Bridging classical and neural methods for improved segmentation in mathematical text based images
Abstract
The recognition of mathematical expressions remains a challenging task, particularly due to the segmentation sub-stage, which plays a critical role in the overall recognition process. Despite significant advancements in mathematical expression recognition, existing research has primarily focused on the recognition phase, often overlooking the segmentation issues that arise in diverse domains such as computer vision and image processing. This study aims to address the segmentation problem in handwritten mathematical text and expression recognition through a comprehensive analysis and the development of an optimal solution.

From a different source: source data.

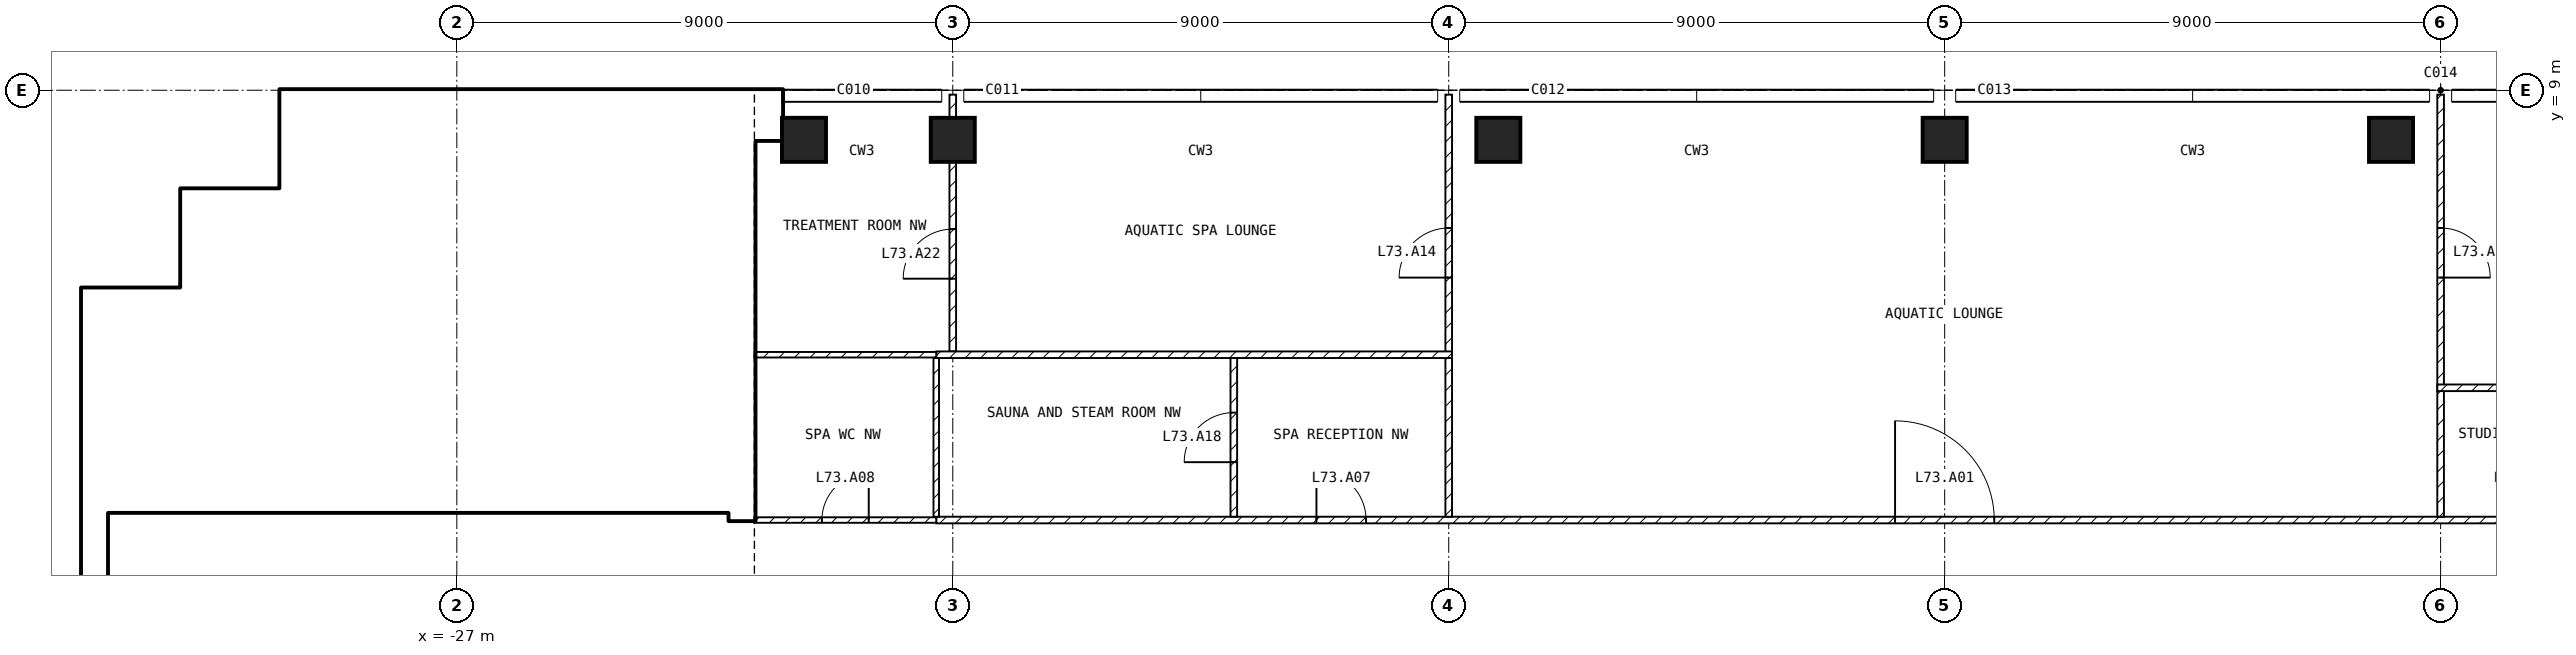
"""IFC4 building model, lengths in metres.
Left out: names, types, materials, properties, quantities, classifications, styles, units other than length and angle.
Written with IfcOpenShell. Run it as: python <this file> out.ifc"""

import sys

from ifc_helpers import new_model, si_unit, direction, frame, frame_2d, origin, origin_2d, place, context, subcontext, project, spatial, rectangle, extrude, element, fill, save


model = new_model("IFC4")
c1 = context("Model", 3, precision=1e-05, world=origin(), true_north=direction((0.0, 1.0)))
c2 = subcontext(c1, "Body", "Model", "MODEL_VIEW")
j1 = project(units=[si_unit("LENGTHUNIT", "METRE"), si_unit("PLANEANGLEUNIT", "RADIAN")], contexts=[c1])
p1 = place(None, origin())
s1 = spatial("IfcSite", under=j1, at=p1, CompositionType="ELEMENT")
p2 = place(p1, origin())
s2 = spatial("IfcBuilding", under=s1, at=p2, CompositionType="ELEMENT")
p3 = place(p2, frame((0.0, 0.0, 285.0)))
s3 = spatial("IfcBuildingStorey", under=s2, at=p3, CompositionType="ELEMENT", Elevation=285.0)
for number, where, z_axis, x_axis in (
    (1, (-20.7, 8.1, -0.3), (0.0, 0.0, 1.0), (1.0, 0.0, 0.0)),
    (2, (-18.0, 8.1, -0.3), (0.0, 0.0, 1.0), (1.0, 0.0, 0.0)),
    (3, (-8.1, 8.1, -0.3), (0.0, 0.0, 1.0), (1.0, 0.0, 0.0)),
    (4, (0.0, 8.1, -0.3), (0.0, 0.0, 1.0), (1.0, 0.0, 0.0)),
    (5, (8.1, 8.1, -0.3), (0.0, 0.0, 1.0), (1.0, 0.0, 0.0)),
):
    element("IfcColumn", number, at=place(p3, frame(where, z_axis=z_axis, x_axis=x_axis)), inside=s3, PredefinedType="COLUMN", context=c2, shape_type="SweptSolid", body=[
        extrude(rectangle(XDim=0.8, YDim=0.8, at=origin_2d()), origin(), (0.0, 0.0, 1.0), 5.45),
    ])
p4 = place(p3, frame((-33.575, -4.95, 0.0), z_axis=(0.0, 0.0, 1.0), x_axis=(0.0, 1.0, 0.0)))
e6 = element("IfcWall", 6, at=p4, inside=s3, PredefinedType="SHEAR", context=c2, shape_type="SweptSolid", body=[
    extrude(rectangle(XDim=10.35, YDim=0.45, at=frame_2d((5.175, 0.0))), origin(), (0.0, 0.0, 1.0), 5.15),
])
for number, where, z_axis, x_axis in (
    (7, (-33.35, 5.175, 0.0), (0.0, 0.0, 1.0), (1.0, 0.0, 0.0)),
    (8, (-31.775, 5.4, 0.0), (0.0, 0.0, 1.0), (0.0, 1.0, 0.0)),
    (9, (-31.55, 6.975, 0.0), (0.0, 0.0, 1.0), (1.0, 0.0, 0.0)),
    (10, (-29.975, 7.2, 0.0), (0.0, 0.0, 1.0), (0.0, 1.0, 0.0)),
):
    element("IfcWall", number, at=place(p3, frame(where, z_axis=z_axis, x_axis=x_axis)), inside=s3, PredefinedType="SHEAR", context=c2, shape_type="SweptSolid", body=[
        extrude(rectangle(XDim=1.8, YDim=0.45, at=frame_2d((0.9, 0.0))), origin(), (0.0, 0.0, 1.0), 5.15),
    ])
p5 = place(p3, frame((-29.75, 8.55, 0.0), z_axis=(0.0, 0.0, 1.0), x_axis=(1.0, 0.0, 0.0)))
e11 = element("IfcWall", 11, at=p5, inside=s3, PredefinedType="SHEAR", context=c2, shape_type="SweptSolid", body=[
    extrude(rectangle(XDim=8.65, YDim=0.9, at=frame_2d((4.325, 0.0))), origin(), (0.0, 0.0, 1.0), 5.15),
])
p6 = place(p3, frame((-21.825, 1.2, 0.0), z_axis=(0.0, 0.0, 1.0), x_axis=(0.0, 1.0, 0.0)))
e12 = element("IfcWall", 12, at=p6, inside=s3, PredefinedType="SHEAR", context=c2, shape_type="SweptSolid", body=[
    extrude(rectangle(XDim=6.9, YDim=0.45, at=frame_2d((3.45, 0.0))), origin(), (0.0, 0.0, 1.0), 5.15),
])
p7 = place(p3, frame((-33.35, 1.45, 0.0), z_axis=(0.0, 0.0, 1.0), x_axis=(1.0, 0.0, 0.0)))
e13 = element("IfcWall", 13, at=p7, inside=s3, PredefinedType="SOLIDWALL", context=c2, shape_type="SweptSolid", body=[
    extrude(rectangle(XDim=11.3, YDim=0.2, at=frame_2d((5.65, 0.0))), origin(), (0.0, 0.0, 1.0), 5.15),
])
p8 = place(p7, frame((9.55, 0.0, 0.0)))
e14 = element("IfcOpeningElement", 14, at=p8, cuts=e13, PredefinedType="OPENING", context=c2, shape_type="SweptSolid", body=[
    extrude(rectangle(XDim=1.0, YDim=2.1, at=frame_2d((0.5, 1.05))), frame((0.0, 0.11, 0.0), z_axis=(0.0, -1.0, 0.0), x_axis=(1.0, 0.0, 0.0)), (0.0, 0.0, 1.0), 0.22),
])
p9 = place(p7, frame((7.05, 0.0, 0.0)))
e15 = element("IfcOpeningElement", 15, at=p9, cuts=e13, PredefinedType="OPENING", context=c2, shape_type="SweptSolid", body=[
    extrude(rectangle(XDim=1.0, YDim=2.1, at=frame_2d((0.5, 1.05))), frame((0.0, 0.11, 0.0), z_axis=(0.0, -1.0, 0.0), x_axis=(1.0, 0.0, 0.0)), (0.0, 0.0, 1.0), 0.22),
])
p10 = place(p7, frame((1.175, 0.0, 0.0)))
e16 = element("IfcOpeningElement", 16, at=p10, cuts=e13, PredefinedType="OPENING", context=c2, shape_type="SweptSolid", body=[
    extrude(rectangle(XDim=0.9, YDim=2.1, at=frame_2d((0.45, 1.05))), frame((0.0, 0.11, 0.0), z_axis=(0.0, -1.0, 0.0), x_axis=(1.0, 0.0, 0.0)), (0.0, 0.0, 1.0), 0.22),
])
p11 = place(p3, frame((-28.35, 5.15, 0.0), z_axis=(0.0, 0.0, 1.0), x_axis=(1.0, 0.0, 0.0)))
e17 = element("IfcWall", 17, at=p11, inside=s3, PredefinedType="SOLIDWALL", context=c2, shape_type="SweptSolid", body=[
    extrude(rectangle(XDim=6.3, YDim=0.2, at=frame_2d((3.15, 0.0))), origin(), (0.0, 0.0, 1.0), 5.15),
])
p12 = place(p11, frame((5.1, 0.0, 0.0)))
e18 = element("IfcOpeningElement", 18, at=p12, cuts=e17, PredefinedType="OPENING", context=c2, shape_type="SweptSolid", body=[
    extrude(rectangle(XDim=1.0, YDim=2.1, at=frame_2d((0.5, 1.05))), frame((0.0, 0.11, 0.0), z_axis=(0.0, -1.0, 0.0), x_axis=(1.0, 0.0, 0.0)), (0.0, 0.0, 1.0), 0.22),
])
p13 = place(p3, frame((-28.25, 5.25, 0.0), z_axis=(0.0, 0.0, 1.0), x_axis=(0.0, 1.0, 0.0)))
e19 = element("IfcWall", 19, at=p13, inside=s3, PredefinedType="SOLIDWALL", context=c2, shape_type="SweptSolid", body=[
    extrude(rectangle(XDim=2.85, YDim=0.2, at=frame_2d((1.425, 0.0))), origin(), (0.0, 0.0, 1.0), 5.15),
])
p14 = place(p3, frame((-33.35, 3.95, 0.0), z_axis=(0.0, 0.0, 1.0), x_axis=(1.0, 0.0, 0.0)))
e20 = element("IfcWall", 20, at=p14, inside=s3, PredefinedType="SOLIDWALL", context=c2, shape_type="SweptSolid", body=[
    extrude(rectangle(XDim=6.15, YDim=0.2, at=frame_2d((3.075, 0.0))), origin(), (0.0, 0.0, 1.0), 5.15),
])
p15 = place(p3, frame((-27.1, 1.55, 0.0), z_axis=(0.0, 0.0, 1.0), x_axis=(0.0, 1.0, 0.0)))
e21 = element("IfcWall", 21, at=p15, inside=s3, PredefinedType="SOLIDWALL", context=c2, shape_type="SweptSolid", body=[
    extrude(rectangle(XDim=3.5, YDim=0.2, at=frame_2d((1.75, 0.0))), origin(), (0.0, 0.0, 1.0), 5.15),
])
p16 = place(p15, frame((0.6, 0.0, 0.0)))
e22 = element("IfcOpeningElement", 22, at=p16, cuts=e21, PredefinedType="OPENING", context=c2, shape_type="SweptSolid", body=[
    extrude(rectangle(XDim=1.1, YDim=2.1, at=frame_2d((0.55, 1.05))), frame((0.0, 0.11, 0.0), z_axis=(0.0, -1.0, 0.0), x_axis=(1.0, 0.0, 0.0)), (0.0, 0.0, 1.0), 0.22),
])
p17 = place(p15, frame((2.6, 0.0, 0.0)))
e23 = element("IfcOpeningElement", 23, at=p17, cuts=e21, PredefinedType="OPENING", context=c2, shape_type="SweptSolid", body=[
    extrude(rectangle(XDim=0.8, YDim=2.1, at=frame_2d((0.4, 1.05))), frame((0.0, 0.11, 0.0), z_axis=(0.0, -1.0, 0.0), x_axis=(1.0, 0.0, 0.0)), (0.0, 0.0, 1.0), 0.22),
])
p18 = place(p3, frame((-30.0, 1.55, 0.0), z_axis=(0.0, 0.0, 1.0), x_axis=(0.0, 1.0, 0.0)))
e24 = element("IfcWall", 24, at=p18, inside=s3, PredefinedType="SOLIDWALL", context=c2, shape_type="SweptSolid", body=[
    extrude(rectangle(XDim=2.3, YDim=0.2, at=frame_2d((1.15, 0.0))), origin(), (0.0, 0.0, 1.0), 5.15),
])
p19 = place(p3, frame((-29.0, 4.05, 0.0), z_axis=(0.0, 0.0, 1.0), x_axis=(0.0, 1.0, 0.0)))
e25 = element("IfcWall", 25, at=p19, inside=s3, PredefinedType="PARTITIONING", context=c2, shape_type="SweptSolid", body=[
    extrude(rectangle(XDim=4.05, YDim=0.15, at=frame_2d((2.025, 0.0))), origin(), (0.0, 0.0, 1.0), 5.15),
])
p20 = place(p19, frame((0.1, 0.0, 0.0)))
e26 = element("IfcOpeningElement", 26, at=p20, cuts=e25, PredefinedType="OPENING", context=c2, shape_type="SweptSolid", body=[
    extrude(rectangle(XDim=0.8, YDim=2.1, at=frame_2d((0.4, 1.05))), frame((0.0, 0.085, 0.0), z_axis=(0.0, -1.0, 0.0), x_axis=(1.0, 0.0, 0.0)), (0.0, 0.0, 1.0), 0.17),
])
p21 = place(p3, frame((-18.3, 1.2, 0.0), z_axis=(0.0, 0.0, 1.0), x_axis=(1.0, 0.0, 0.0)))
e27 = element("IfcWall", 27, at=p21, inside=s3, PredefinedType="PARTITIONING", context=c2, shape_type="SweptSolid", body=[
    extrude(rectangle(XDim=32.7, YDim=0.12, at=frame_2d((16.35, 0.0))), origin(), (0.0, 0.0, 1.0), 5.15),
])
p22 = place(p21, frame((17.4, 0.0, 0.0)))
e28 = element("IfcOpeningElement", 28, at=p22, cuts=e27, PredefinedType="OPENING", context=c2, shape_type="SweptSolid", body=[
    extrude(rectangle(XDim=1.8, YDim=2.1, at=frame_2d((0.9, 1.05))), frame((0.0, 0.07, 0.0), z_axis=(0.0, -1.0, 0.0), x_axis=(1.0, 0.0, 0.0)), (0.0, 0.0, 1.0), 0.14),
])
p23 = place(p21, frame((28.35, 0.0, 0.0)))
e29 = element("IfcOpeningElement", 29, at=p23, cuts=e27, PredefinedType="OPENING", context=c2, shape_type="SweptSolid", body=[
    extrude(rectangle(XDim=0.9, YDim=2.1, at=frame_2d((0.45, 1.05))), frame((0.0, 0.07, 0.0), z_axis=(0.0, -1.0, 0.0), x_axis=(1.0, 0.0, 0.0)), (0.0, 0.0, 1.0), 0.14),
])
p24 = place(p21, frame((6.9, 0.0, 0.0)))
e30 = element("IfcOpeningElement", 30, at=p24, cuts=e27, PredefinedType="OPENING", context=c2, shape_type="SweptSolid", body=[
    extrude(rectangle(XDim=0.9, YDim=2.1, at=frame_2d((0.45, 1.05))), frame((0.0, 0.07, 0.0), z_axis=(0.0, -1.0, 0.0), x_axis=(1.0, 0.0, 0.0)), (0.0, 0.0, 1.0), 0.14),
])
p25 = place(p3, frame((-21.6, 1.2, 0.0), z_axis=(0.0, 0.0, 1.0), x_axis=(1.0, 0.0, 0.0)))
e31 = element("IfcWall", 31, at=p25, inside=s3, PredefinedType="PARTITIONING", context=c2, shape_type="SweptSolid", body=[
    extrude(rectangle(XDim=3.3, YDim=0.1, at=frame_2d((1.65, 0.0))), origin(), (0.0, 0.0, 1.0), 5.15),
])
p26 = place(p25, frame((1.225, 0.0, 0.0)))
e32 = element("IfcOpeningElement", 32, at=p26, cuts=e31, PredefinedType="OPENING", context=c2, shape_type="SweptSolid", body=[
    extrude(rectangle(XDim=0.85, YDim=2.1, at=frame_2d((0.425, 1.05))), frame((0.0, 0.06, 0.0), z_axis=(0.0, -1.0, 0.0), x_axis=(1.0, 0.0, 0.0)), (0.0, 0.0, 1.0), 0.12),
])
p27 = place(p3, frame((9.0, 8.92, 0.0), z_axis=(0.0, 0.0, 1.0), x_axis=(0.0, -1.0, 0.0)))
e33 = element("IfcWall", 33, at=p27, inside=s3, PredefinedType="PARTITIONING", context=c2, shape_type="SweptSolid", body=[
    extrude(rectangle(XDim=7.66, YDim=0.12, at=frame_2d((3.83, 0.0))), origin(), (0.0, 0.0, 1.0), 5.15),
])
p28 = place(p27, frame((2.42, 0.0, 0.0)))
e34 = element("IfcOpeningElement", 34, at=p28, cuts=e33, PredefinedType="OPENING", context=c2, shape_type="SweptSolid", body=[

Classical segmentation methods were explored, classified, and tested on various datasets of mathematical expressions, with multiple comparative case analyses conducted. Based on these findings, an optimal neural network-based segmentation approach was proposed. The model demonstrated effective segmentation performance, achieving competitive mean Intersection over Union (IOU) scores of 79.4%, 83.5%, 81.3%, 74.6%, and 79.6% on the CROHME 2014, CROHME 2016, CROHME 2019, Aidapearson, and HasyV datasets, respectively. The results highlight the success of the proposed neural network-based solution in overcoming the limitations of traditional segmentation methods and affirm its potential in enhancing mathematical expression recognition systems.